Why some individuals on rare occasions depart from the normal timing of the breeding season is not clear, but it may represent the extreme range of variation. Birth of roe deer fawns usually occurs in early summer, with some geographical variation throughout the range of the species (Danilkin 1996, table 8.2). For example, in East Jutland (Kalø) the median date of birth (i.e. the date when 50% of the fawns of the year have been born) is 2 June compared with 14 June in West Jutland (Borris). This difference corresponds well with a 13-day delay in foetus development in females from Borris compared to females from Kalø (Strandgaard 1972a). Within the study areas, there is considerable variation in the timing of birth. At Borris, the earliest record of a newborn fawn is 10 May and the latest 19 July (Fig. 1). The corresponding dates for Kalø are 25 April and 8 July, respectively. Rieck (1955) stated that the median date for birth of fawns was 1 June in western Germany and 9 June in eastern Germany, and that the fawning period in southwest Germany extends from the end of April to the end of June, compared to early May till early July in the northeastern part of the country. Gaillard et al. (1993) give 15 May as the median date for a French population, and Linnell (1994) gives 21 May for a population on the west coast of Norway (Danilkin 1996).

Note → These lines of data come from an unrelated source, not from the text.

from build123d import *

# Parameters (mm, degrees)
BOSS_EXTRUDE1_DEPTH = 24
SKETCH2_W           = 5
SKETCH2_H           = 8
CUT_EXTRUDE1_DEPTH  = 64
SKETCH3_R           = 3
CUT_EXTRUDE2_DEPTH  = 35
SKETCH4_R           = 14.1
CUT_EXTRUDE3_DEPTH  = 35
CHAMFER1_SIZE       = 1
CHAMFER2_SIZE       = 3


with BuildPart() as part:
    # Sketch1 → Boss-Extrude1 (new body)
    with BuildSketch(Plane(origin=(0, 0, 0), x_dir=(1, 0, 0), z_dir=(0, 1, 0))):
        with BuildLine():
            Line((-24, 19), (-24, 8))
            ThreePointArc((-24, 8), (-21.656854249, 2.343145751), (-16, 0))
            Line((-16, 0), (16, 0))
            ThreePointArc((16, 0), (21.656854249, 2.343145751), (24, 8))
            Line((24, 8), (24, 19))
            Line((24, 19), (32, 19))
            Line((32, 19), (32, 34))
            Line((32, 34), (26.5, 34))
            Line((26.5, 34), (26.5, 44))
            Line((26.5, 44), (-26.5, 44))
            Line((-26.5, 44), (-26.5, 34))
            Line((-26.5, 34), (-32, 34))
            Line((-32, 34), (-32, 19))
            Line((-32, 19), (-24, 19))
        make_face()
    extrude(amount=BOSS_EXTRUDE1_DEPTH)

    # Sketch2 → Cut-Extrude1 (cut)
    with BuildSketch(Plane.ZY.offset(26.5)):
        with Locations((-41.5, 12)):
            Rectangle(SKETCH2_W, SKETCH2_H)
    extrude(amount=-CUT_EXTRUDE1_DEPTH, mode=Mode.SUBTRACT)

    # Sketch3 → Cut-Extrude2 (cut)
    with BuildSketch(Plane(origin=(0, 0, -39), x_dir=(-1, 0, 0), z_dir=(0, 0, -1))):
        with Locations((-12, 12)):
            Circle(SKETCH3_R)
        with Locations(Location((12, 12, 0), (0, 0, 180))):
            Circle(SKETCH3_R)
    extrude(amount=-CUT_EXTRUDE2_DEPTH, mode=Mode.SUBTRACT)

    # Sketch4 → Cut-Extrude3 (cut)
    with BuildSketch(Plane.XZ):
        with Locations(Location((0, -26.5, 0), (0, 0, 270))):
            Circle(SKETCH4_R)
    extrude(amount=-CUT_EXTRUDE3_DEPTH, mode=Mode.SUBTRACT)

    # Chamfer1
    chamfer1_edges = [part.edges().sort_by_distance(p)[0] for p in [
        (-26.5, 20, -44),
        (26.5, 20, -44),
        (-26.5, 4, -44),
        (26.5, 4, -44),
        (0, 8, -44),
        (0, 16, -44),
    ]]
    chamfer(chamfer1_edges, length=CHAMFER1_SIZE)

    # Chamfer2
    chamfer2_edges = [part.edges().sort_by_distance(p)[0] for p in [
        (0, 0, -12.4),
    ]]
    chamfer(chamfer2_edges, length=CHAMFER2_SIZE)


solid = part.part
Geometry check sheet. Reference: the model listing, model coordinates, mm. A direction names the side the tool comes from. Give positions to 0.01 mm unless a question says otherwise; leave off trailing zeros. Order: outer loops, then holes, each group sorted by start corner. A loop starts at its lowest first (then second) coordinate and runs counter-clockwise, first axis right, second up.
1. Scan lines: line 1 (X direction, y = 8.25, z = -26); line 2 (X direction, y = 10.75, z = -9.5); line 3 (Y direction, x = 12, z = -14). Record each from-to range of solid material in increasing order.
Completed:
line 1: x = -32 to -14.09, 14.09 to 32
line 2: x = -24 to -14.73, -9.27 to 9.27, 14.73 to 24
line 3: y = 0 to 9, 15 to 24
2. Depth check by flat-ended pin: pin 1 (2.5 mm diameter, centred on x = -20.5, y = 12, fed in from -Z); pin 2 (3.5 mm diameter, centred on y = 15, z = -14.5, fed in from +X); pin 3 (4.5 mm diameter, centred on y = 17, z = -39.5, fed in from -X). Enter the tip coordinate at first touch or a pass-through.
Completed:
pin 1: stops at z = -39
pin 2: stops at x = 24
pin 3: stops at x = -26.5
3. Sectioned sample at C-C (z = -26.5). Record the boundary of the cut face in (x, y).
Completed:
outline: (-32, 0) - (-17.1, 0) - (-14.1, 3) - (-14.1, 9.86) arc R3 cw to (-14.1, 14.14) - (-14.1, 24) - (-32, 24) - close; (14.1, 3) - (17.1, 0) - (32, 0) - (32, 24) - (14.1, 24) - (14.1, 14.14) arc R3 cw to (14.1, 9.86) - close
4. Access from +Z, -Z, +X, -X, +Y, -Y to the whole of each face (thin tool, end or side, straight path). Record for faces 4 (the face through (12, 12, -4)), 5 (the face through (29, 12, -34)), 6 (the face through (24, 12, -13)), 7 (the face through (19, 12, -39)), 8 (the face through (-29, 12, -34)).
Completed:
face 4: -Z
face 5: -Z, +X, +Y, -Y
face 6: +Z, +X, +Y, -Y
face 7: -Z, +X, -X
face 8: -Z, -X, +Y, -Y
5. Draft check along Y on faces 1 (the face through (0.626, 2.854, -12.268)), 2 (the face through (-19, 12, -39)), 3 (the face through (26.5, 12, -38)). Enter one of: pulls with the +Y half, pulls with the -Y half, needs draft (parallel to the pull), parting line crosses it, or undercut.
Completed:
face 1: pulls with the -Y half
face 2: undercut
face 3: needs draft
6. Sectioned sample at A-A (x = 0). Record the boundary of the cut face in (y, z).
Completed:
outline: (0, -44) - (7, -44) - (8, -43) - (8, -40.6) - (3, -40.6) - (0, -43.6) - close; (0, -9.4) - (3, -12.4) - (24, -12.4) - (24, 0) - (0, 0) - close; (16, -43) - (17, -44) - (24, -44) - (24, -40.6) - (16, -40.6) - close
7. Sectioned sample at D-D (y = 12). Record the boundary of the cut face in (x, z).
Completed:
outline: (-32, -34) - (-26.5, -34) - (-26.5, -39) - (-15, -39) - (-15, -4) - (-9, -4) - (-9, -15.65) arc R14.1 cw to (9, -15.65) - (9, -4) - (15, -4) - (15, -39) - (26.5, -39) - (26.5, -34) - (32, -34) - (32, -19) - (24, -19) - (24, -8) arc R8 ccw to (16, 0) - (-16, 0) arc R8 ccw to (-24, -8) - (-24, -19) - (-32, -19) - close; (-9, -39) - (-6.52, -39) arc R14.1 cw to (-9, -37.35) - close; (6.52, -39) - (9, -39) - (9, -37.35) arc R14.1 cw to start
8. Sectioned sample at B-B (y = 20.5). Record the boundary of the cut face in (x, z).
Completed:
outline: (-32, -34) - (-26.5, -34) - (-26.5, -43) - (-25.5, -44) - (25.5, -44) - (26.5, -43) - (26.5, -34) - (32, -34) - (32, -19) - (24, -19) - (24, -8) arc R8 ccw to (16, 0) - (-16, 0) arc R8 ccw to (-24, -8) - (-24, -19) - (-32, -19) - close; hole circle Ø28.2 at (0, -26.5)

The process of delayed implantation in roe deer is still not fully understood. It seems to be an evolutionary strategy enabling rutting and fawning to occur under the most favourable conditions, i.e. at different times at different geographical locations. Selection might constantly act by adjusting time of birth as fawns bom under the most favourable conditions have the highest probability of survival and hence reproductive success. In this way the species maintains a relatively fixed breeding season. However, since there are spatial and temporal variations in environmental conditions there may be an adaptive advantage in maintaining a degree of variation in the time of breeding. This would provide the mechanism for adapting to different conditions, such as those reported from the Borris, and Kalø areas. West Jutland roe deer are immigrants from East Jutland where the mean monthly temperature for May, June and July is 0.5°C higher than at Borris, and in the Borris area night-frost frequently occurs even in June. It is obvious that spring arrives later in Borris than in East Jutland. Plants start to grow later in Borris, and furthermore different plant species are available as food resources (Petersen & Strandgaard 1992). So time of birth may have been adapted to fit available feeding resources as well as climatic conditions. Unfortunately, so far no investigations on the relationship between food quality and reproductive timing have been carried out.